You do have a couple of options on how you can connect the battery packs to the motors. This first option is to connect a proper-size battery to each motor. The advantage here is that each motor has its own power source and a simple wiring setup. Just connect a separate battery pack (of the required size) to each motor/ESC. The disadvantage is that as the battery packs get older they may discharge at different rates, causing one motor to be weaker than the other. This creates more torque on one side of the aircraft, and in some cases this could roll the plane over in a death spin, especially if one battery quits at slower speeds.

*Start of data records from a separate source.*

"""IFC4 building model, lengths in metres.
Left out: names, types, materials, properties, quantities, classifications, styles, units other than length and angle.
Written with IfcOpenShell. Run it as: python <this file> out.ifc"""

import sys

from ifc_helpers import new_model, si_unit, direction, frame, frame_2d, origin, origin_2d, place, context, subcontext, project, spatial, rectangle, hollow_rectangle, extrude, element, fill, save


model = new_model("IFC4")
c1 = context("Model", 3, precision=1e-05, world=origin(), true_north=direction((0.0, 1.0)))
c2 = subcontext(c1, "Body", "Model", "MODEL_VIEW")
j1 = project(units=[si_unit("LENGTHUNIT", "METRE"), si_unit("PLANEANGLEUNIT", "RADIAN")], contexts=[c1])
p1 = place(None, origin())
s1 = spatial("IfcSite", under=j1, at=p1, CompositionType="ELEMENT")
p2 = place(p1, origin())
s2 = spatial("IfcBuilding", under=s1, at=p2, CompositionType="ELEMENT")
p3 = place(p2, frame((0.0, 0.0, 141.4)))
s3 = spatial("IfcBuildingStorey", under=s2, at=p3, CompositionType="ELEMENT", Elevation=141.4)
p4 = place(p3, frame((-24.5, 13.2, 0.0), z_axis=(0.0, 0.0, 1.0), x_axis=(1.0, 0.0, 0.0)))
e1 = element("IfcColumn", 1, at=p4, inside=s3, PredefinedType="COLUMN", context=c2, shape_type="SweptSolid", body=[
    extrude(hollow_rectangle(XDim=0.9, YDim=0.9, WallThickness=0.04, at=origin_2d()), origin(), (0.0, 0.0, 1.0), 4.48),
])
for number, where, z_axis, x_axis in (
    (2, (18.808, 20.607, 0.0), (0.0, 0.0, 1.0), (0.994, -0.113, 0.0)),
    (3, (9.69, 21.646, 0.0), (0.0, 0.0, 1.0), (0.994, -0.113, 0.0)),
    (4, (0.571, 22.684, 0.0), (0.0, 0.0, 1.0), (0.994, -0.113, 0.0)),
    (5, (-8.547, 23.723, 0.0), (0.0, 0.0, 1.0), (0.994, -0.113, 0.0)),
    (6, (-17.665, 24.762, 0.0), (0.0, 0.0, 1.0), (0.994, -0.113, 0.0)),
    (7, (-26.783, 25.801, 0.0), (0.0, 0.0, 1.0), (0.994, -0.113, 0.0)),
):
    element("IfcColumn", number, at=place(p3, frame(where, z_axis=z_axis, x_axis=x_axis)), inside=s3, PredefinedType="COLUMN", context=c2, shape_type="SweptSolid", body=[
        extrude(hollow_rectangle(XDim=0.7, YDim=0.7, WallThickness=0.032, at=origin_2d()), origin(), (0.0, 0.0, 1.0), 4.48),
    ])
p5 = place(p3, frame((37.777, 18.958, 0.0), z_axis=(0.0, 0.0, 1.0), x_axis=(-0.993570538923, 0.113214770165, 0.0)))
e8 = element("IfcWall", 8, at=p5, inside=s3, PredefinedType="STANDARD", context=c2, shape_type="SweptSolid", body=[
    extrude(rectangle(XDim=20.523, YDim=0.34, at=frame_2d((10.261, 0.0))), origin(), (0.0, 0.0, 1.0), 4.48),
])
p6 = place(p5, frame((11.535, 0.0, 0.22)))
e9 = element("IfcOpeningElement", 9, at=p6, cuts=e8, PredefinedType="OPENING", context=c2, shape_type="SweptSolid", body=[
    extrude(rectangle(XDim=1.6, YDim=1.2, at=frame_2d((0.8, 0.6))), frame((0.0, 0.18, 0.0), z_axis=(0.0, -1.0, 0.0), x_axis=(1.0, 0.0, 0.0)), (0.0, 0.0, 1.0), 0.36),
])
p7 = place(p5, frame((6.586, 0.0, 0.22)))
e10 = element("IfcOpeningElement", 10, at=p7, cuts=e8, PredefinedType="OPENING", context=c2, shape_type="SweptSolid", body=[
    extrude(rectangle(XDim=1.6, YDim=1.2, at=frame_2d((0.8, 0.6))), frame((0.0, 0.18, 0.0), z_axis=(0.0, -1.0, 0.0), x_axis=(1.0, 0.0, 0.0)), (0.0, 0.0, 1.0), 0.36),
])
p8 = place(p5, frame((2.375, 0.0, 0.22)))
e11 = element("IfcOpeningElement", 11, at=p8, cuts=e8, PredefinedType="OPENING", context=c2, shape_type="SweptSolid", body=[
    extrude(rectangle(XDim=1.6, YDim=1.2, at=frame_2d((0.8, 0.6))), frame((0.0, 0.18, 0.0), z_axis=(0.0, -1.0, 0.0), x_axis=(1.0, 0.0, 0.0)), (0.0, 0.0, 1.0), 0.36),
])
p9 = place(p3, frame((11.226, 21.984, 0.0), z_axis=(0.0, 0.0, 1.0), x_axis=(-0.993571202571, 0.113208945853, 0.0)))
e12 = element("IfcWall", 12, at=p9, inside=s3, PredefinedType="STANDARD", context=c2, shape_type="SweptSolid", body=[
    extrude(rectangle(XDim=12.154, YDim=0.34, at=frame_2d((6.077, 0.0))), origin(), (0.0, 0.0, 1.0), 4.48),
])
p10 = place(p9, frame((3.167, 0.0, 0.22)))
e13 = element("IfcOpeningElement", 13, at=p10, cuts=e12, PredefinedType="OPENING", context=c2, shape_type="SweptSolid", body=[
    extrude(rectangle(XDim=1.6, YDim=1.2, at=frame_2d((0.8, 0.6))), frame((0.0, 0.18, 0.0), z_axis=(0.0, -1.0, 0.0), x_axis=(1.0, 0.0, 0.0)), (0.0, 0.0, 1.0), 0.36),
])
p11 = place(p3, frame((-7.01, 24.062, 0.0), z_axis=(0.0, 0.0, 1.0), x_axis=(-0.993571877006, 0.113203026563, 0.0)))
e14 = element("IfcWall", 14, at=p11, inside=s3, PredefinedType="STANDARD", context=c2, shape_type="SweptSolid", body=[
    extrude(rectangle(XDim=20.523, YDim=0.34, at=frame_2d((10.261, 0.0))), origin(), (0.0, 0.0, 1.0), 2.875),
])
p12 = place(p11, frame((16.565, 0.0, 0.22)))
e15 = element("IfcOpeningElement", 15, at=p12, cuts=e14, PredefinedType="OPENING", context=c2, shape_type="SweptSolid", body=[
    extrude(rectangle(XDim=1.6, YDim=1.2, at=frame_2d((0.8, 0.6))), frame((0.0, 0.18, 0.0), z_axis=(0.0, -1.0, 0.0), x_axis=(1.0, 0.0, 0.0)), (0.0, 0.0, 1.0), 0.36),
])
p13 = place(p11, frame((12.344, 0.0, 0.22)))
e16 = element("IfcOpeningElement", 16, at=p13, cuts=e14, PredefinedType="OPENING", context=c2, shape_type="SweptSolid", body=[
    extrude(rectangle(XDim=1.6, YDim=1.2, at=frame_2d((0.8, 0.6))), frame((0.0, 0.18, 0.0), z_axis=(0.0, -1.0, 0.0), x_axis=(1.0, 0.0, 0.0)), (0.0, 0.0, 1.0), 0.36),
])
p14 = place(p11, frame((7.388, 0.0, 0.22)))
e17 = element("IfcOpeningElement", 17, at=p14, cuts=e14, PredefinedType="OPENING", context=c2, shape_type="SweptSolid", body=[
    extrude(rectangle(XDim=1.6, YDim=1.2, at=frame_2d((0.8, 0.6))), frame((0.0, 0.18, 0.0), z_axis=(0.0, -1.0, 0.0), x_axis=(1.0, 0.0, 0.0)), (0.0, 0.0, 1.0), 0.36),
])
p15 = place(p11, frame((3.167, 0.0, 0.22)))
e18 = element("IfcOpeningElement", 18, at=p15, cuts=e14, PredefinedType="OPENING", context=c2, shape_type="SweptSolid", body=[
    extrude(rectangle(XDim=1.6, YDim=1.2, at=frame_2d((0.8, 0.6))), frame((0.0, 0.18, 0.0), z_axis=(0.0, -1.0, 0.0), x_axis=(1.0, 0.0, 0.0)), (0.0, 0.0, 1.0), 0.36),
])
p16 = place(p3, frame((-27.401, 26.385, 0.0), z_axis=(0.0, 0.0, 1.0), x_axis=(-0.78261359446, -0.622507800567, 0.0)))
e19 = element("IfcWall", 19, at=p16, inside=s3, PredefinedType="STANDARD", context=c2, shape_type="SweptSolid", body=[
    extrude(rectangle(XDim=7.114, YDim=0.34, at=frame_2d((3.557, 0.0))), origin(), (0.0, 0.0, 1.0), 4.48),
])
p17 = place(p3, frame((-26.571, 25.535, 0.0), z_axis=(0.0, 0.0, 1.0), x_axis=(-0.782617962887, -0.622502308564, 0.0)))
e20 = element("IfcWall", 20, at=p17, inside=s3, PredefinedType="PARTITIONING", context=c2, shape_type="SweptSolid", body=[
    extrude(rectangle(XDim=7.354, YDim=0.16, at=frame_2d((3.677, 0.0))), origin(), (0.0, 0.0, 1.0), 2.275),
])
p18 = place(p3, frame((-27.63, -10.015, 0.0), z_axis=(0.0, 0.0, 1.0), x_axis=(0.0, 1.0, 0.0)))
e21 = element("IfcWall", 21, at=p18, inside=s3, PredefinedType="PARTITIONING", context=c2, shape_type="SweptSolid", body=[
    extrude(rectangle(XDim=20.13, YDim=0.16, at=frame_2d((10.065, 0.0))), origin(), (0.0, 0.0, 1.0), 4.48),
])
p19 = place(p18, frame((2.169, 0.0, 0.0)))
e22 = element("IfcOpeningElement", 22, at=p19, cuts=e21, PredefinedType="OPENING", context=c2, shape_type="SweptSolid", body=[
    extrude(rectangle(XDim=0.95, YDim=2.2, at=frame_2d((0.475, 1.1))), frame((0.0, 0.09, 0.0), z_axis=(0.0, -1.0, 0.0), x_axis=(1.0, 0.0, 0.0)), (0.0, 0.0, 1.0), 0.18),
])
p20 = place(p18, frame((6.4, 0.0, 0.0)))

The other connection option is to use a Y-connector to join both motors to one larger pack of the required size to feed both motors. The advantage here is that when the battery is running low or is weaker, both motors will reflect that in their performance, maintaining equal torque on both sides of the aircraft at all times. The disadvantage is a little more complicated wiring setup. On a four-motor plane, such as a B-17, use a Y-connector to join the inboard motors to one battery pack and the outboard motors to another battery pack. That way even if one battery totally fails, you will still have motors on both sides of the plane working.
CONNECTING MULTI-MOTORS TO THE RECEIVER
Each motor on your multi-motor plane will need its own ESC. Don’t try to connect one ESC to two or more motors, it will not work. But, you can use a Y-connector to attach all of the ESCs to the throttle channel or connect each one to its own channel on the receiver and mix them, through the radio programming, to the throttle channel. On my B-17 (4-motor plane), I used a Y-connector to attach the inboard motors to the throttle channel and connected the out-board motors to an open channel and mixed that one to the throttle channel. That way they would all operate as one in the air, but on the ground I could flip a toggle on the transmitter and only have the inboard motors operate while taxiing.
As you can see, wiring for multi-motor planes is not all that hard. Now you have no reason not to convert your next multi-engine plane to great E-power performance. Enjoy the reliability electric power offers and enjoy more flying time.
Nice article! It answered the question for me whether you can safely hook-up multiple ESC’s to a single battery pack which will come in handy on my first multi-engine build.
One thing you haven’t touched on though, is the use of the built in (S)BEC’s when using multiple ESC’s, which might be a valuable addition to your article.
I’ve been reading up on the subject and if you simply connect two ESC’s with SBEC’s together through a Y harness, funny things might start to happen.
If using a Y-lead to connect both ESCs to a receiver should I remove the power (red wire) from one of the ESC leads in the Y-connector so only the ground and data leads are from that one motor and the other ESC lead (of the Y-lead) provides power to the RCVR?